Please could you help me with this guy? Please excuse the poor picture, he was still in the bag, in the middle of being introduced to the tank.

He's about 1 inch long, and about 18 months old. I don't think he's a Labidochromis Caruleus (no black tip) or a an Msobo (they're REALLY yellow) so I'm at a loss. Thanks!


----------



## SinisterKisses (Feb 24, 2004)

Lab/estherae hybrid, which they usually market as "all yellow labs".


----------



## shumway (Jul 12, 2006)

It could possibly either be a really poorly bred Lab or a Lab/estherae hybrid like Sinister said.

I have a bunch of deformed labs i use for dithers and getting extra tanks set up and all the females look like that pic,You can see a faint line where there should be black on the dorsal like in your pic but they never show any what so ever.

:fish:


----------



## Malawidolphin (Dec 15, 2006)

I went to purchase some labs from a lady who breeds thousands of them. When I got there, there were tanks and tanks of yellow labs that had been inbred with no new stock introduced and except for a few adults none of the labs had black stripes. There was a tank of large holding females...all yellow. There were no other mbuna in the house so it wasn't a hybrid situation just very poor breeding and conditions. It was a separate small house from the one she lives in and it was full of tanks and the tanks were packed full of fish. I thanked her and took a pass on buying from her.


----------



## rcastillo (Mar 2, 2007)

He was sold to me as a lab caruleus so i was quite surprised when the black tip never came! I'm sure the shop is first-rate however, so I don't think poor conditions would be it.


----------



## SinisterKisses (Feb 24, 2004)

Well actually, now that I'm looking at it harder and that I'm actually awake (lol was kind of early when I first posted), you can actually make out a very, very faint bar on the dorsal like a normal lab would have. It may just be something the flash picked up, rather than something you actually see yourself when looking at the fish...


----------



## cevvin (May 2, 2008)

are you guys sure its not a male m. lombardoi? Thats what my male looks like. I seriously thought it was one of my pictures lol


----------



## SinisterKisses (Feb 24, 2004)

Absolutely 120% positive it's not a male kenyi  But I would be interested to see _your_ kenyi male now...


----------



## Number6 (Mar 13, 2003)

Only in theory could you have someone line-breed the black out of a fish without hybridization.

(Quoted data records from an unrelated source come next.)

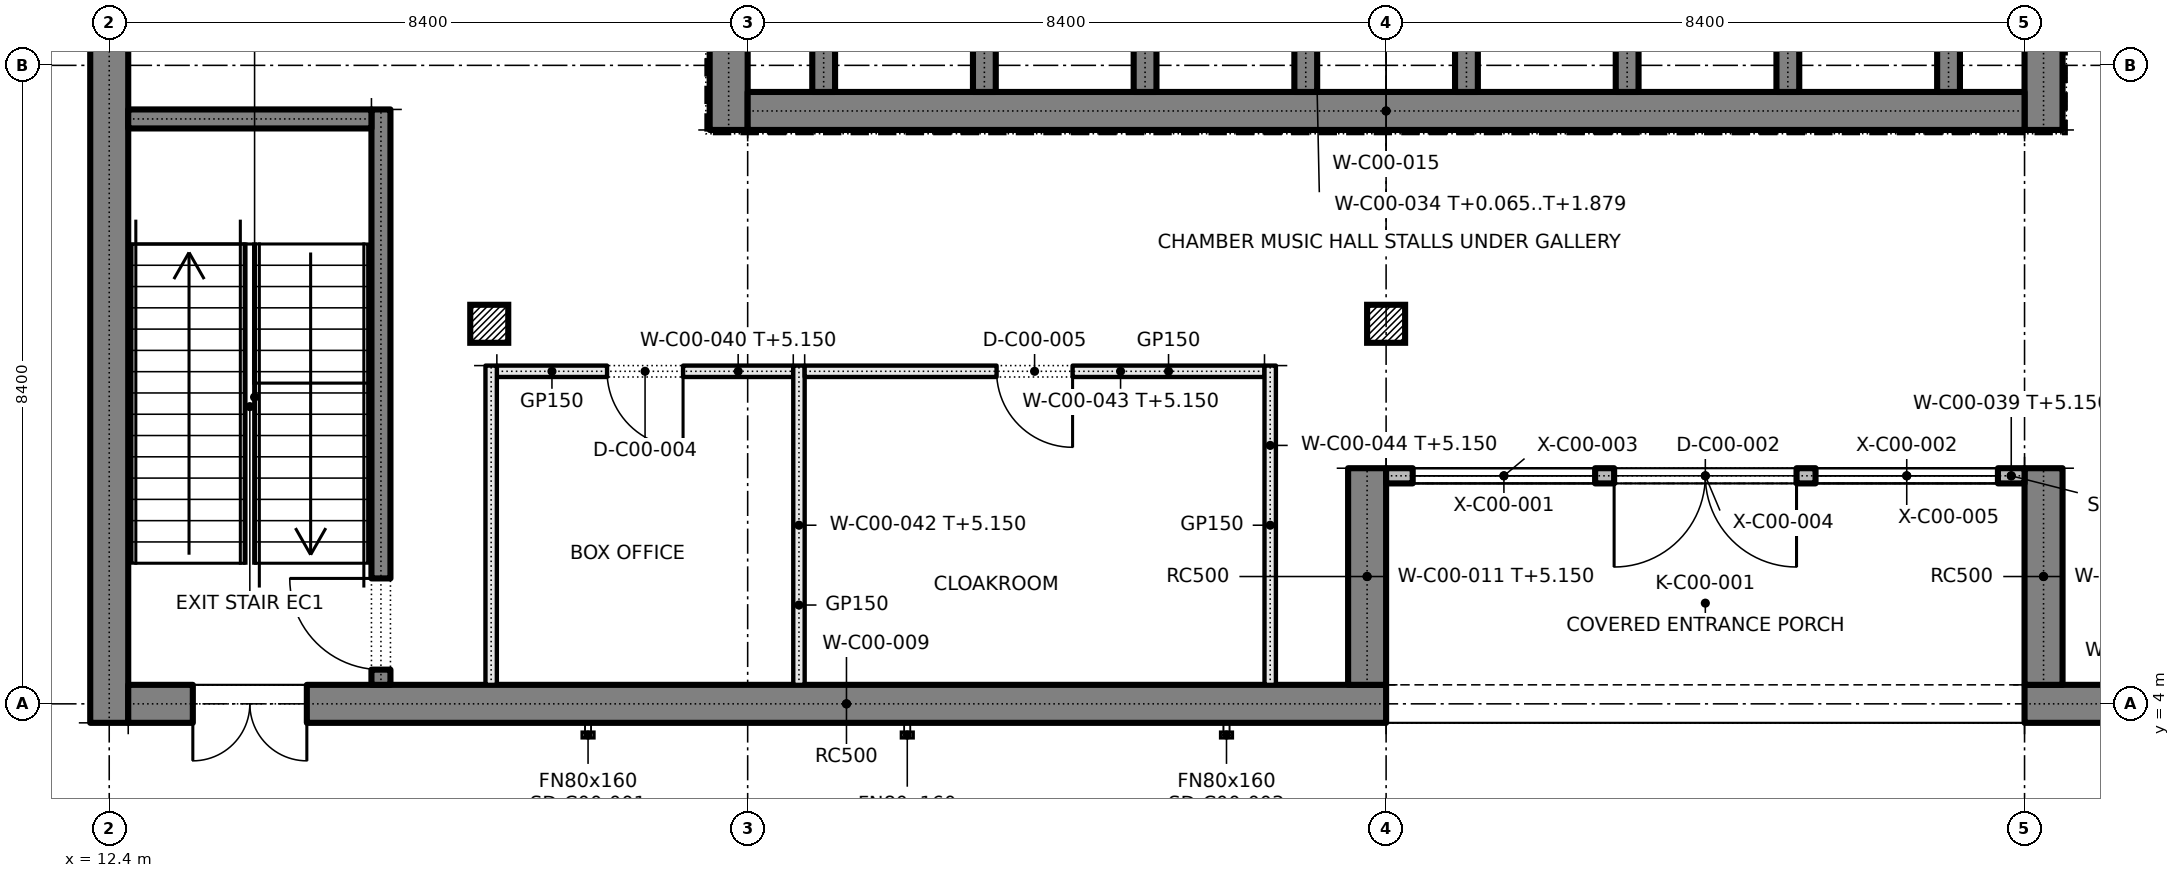
"""IFC4 building model, lengths in metres.
Left out: names, types, materials, properties, quantities, classifications, styles, units other than length and angle.
Written with IfcOpenShell. Run it as: python <this file> out.ifc"""

import sys

from ifc_helpers import new_model, si_unit, direction, frame, frame_2d, origin, origin_2d, place, context, subcontext, project, spatial, polyline, rectangle, outline, extrude, element, fill, save


model = new_model("IFC4")
c1 = context("Model", 3, precision=1e-05, world=origin(), true_north=direction((0.0, 1.0)))
c2 = subcontext(c1, "Body", "Model", "MODEL_VIEW")
j1 = project(units=[si_unit("LENGTHUNIT", "METRE"), si_unit("PLANEANGLEUNIT", "RADIAN")], contexts=[c1])
p1 = place(None, origin())
s1 = spatial("IfcSite", under=j1, at=p1, CompositionType="ELEMENT")
p2 = place(p1, origin())
s2 = spatial("IfcBuilding", under=s1, at=p2, CompositionType="ELEMENT")
p3 = place(p2, origin())
s3 = spatial("IfcBuildingStorey", under=s2, at=p3, CompositionType="ELEMENT", Elevation=0.0)
p4 = place(p3, frame((12.4, 3.75, 0.0), z_axis=(0.0, 0.0, 1.0), x_axis=(0.0, 1.0, 0.0)))
e1 = element("IfcWall", 1, at=p4, inside=s3, PredefinedType="SOLIDWALL", context=c2, shape_type="SweptSolid", body=[
    extrude(rectangle(XDim=42.5, YDim=0.5, at=frame_2d((21.25, 0.0))), origin(), (0.0, 0.0, 1.0), 5.4),
])
p5 = place(p4, frame((40.45, 0.0, 0.0)))
e2 = element("IfcOpeningElement", 2, at=p5, cuts=e1, PredefinedType="OPENING", context=c2, shape_type="SweptSolid", body=[
    extrude(rectangle(XDim=1.5, YDim=2.1, at=frame_2d((0.75, 1.05))), frame((0.0, 0.26, 0.0), z_axis=(0.0, -1.0, 0.0), x_axis=(1.0, 0.0, 0.0)), (0.0, 0.0, 1.0), 0.52),
])
p6 = place(p3, frame((12.65, 4.0, 0.0), z_axis=(0.0, 0.0, 1.0), x_axis=(1.0, 0.0, 0.0)))
e3 = element("IfcWall", 3, at=p6, inside=s3, PredefinedType="SOLIDWALL", context=c2, shape_type="SweptSolid", body=[
    extrude(rectangle(XDim=16.55, YDim=0.5, at=frame_2d((8.275, 0.0))), origin(), (0.0, 0.0, 1.0), 5.4),
])
p7 = place(p6, frame((0.85, 0.0, 0.0)))
e4 = element("IfcOpeningElement", 4, at=p7, cuts=e3, PredefinedType="OPENING", context=c2, shape_type="SweptSolid", body=[
    extrude(rectangle(XDim=1.5, YDim=2.1, at=frame_2d((0.75, 1.05))), frame((0.0, 0.26, 0.0), z_axis=(0.0, -1.0, 0.0), x_axis=(1.0, 0.0, 0.0)), (0.0, 0.0, 1.0), 0.52),
])
p8 = place(p3, frame((37.6, 4.0, 0.0), z_axis=(0.0, 0.0, 1.0), x_axis=(1.0, 0.0, 0.0)))
e5 = element("IfcWall", 5, at=p8, inside=s3, PredefinedType="SOLIDWALL", context=c2, shape_type="SweptSolid", body=[
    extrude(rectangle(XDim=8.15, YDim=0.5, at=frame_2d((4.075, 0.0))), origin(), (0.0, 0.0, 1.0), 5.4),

Far more likely was that it's been masked by hybridization.

With that in mind, I have no problem just simplifying to "Any breeder with all-yellow labs is breeding hybrids and I do not care what they claim or what flimsy excuse they attempt to throw at you like buying from reputable breeder X Y Z, buying WC fish, or ANY excuse. "

They are either clueless, lying or both.

Malawidolphin... that lady had hybrids... I am 10000000% positive and would bet money on it!

:wink:


----------



## Dewdrop (Nov 20, 2007)

I was just posting in another thread about this....
I bought a fish at WalMart that I thought was a yellow lab red zebra mix then I saw the profile of Metriaclima barlowi and now I'm not so sure. I'll have to get batteries for my camera so I can take another pic of it. It's fins are starting to take on a blue hue like the profile of the M. barlowi says the males have. It says the females are brown though so I guess if it turns out to be female it's not the barlowi for sure.


----------



## newcichlidowner (Aug 20, 2008)

possible female yellow lab...my female didnt show her black line until after her first pouch of eggs...and even now she doesnt always show it.


----------



## Fogelhund (Dec 3, 2002)

SinisterKisses said:


> Lab/estherae hybrid, which they usually market as "all yellow labs".


agreed


----------



## wheatbackdigger (May 11, 2008)

1 inch at 18 months? That is one slow growing fish


----------



## Luey (Aug 27, 2004)

That looks like what I have. But I don't know if mine are lab x zebra or lab x kenyi. My buddy bought them and they took over his tank, so he gave me the original breeders. And mine are no where near sterile. I think my dominant male is a kenyi, I mean he looks almost exactly like the pictures in the Kenyi profile. But the fry have a different head shape than he does, there head shape is very much like yours. 
Anyway, I will try to get some pictures up of my tank so you guys can see what I am talking about...


----------



## nchoe123 (Nov 11, 2007)

unlike, say, ligers, tigons, and mules, these cichlid hybrids aren't sterile.

hmm. i have a line-less "lab" that i'm thinking is a red zebra also.


----------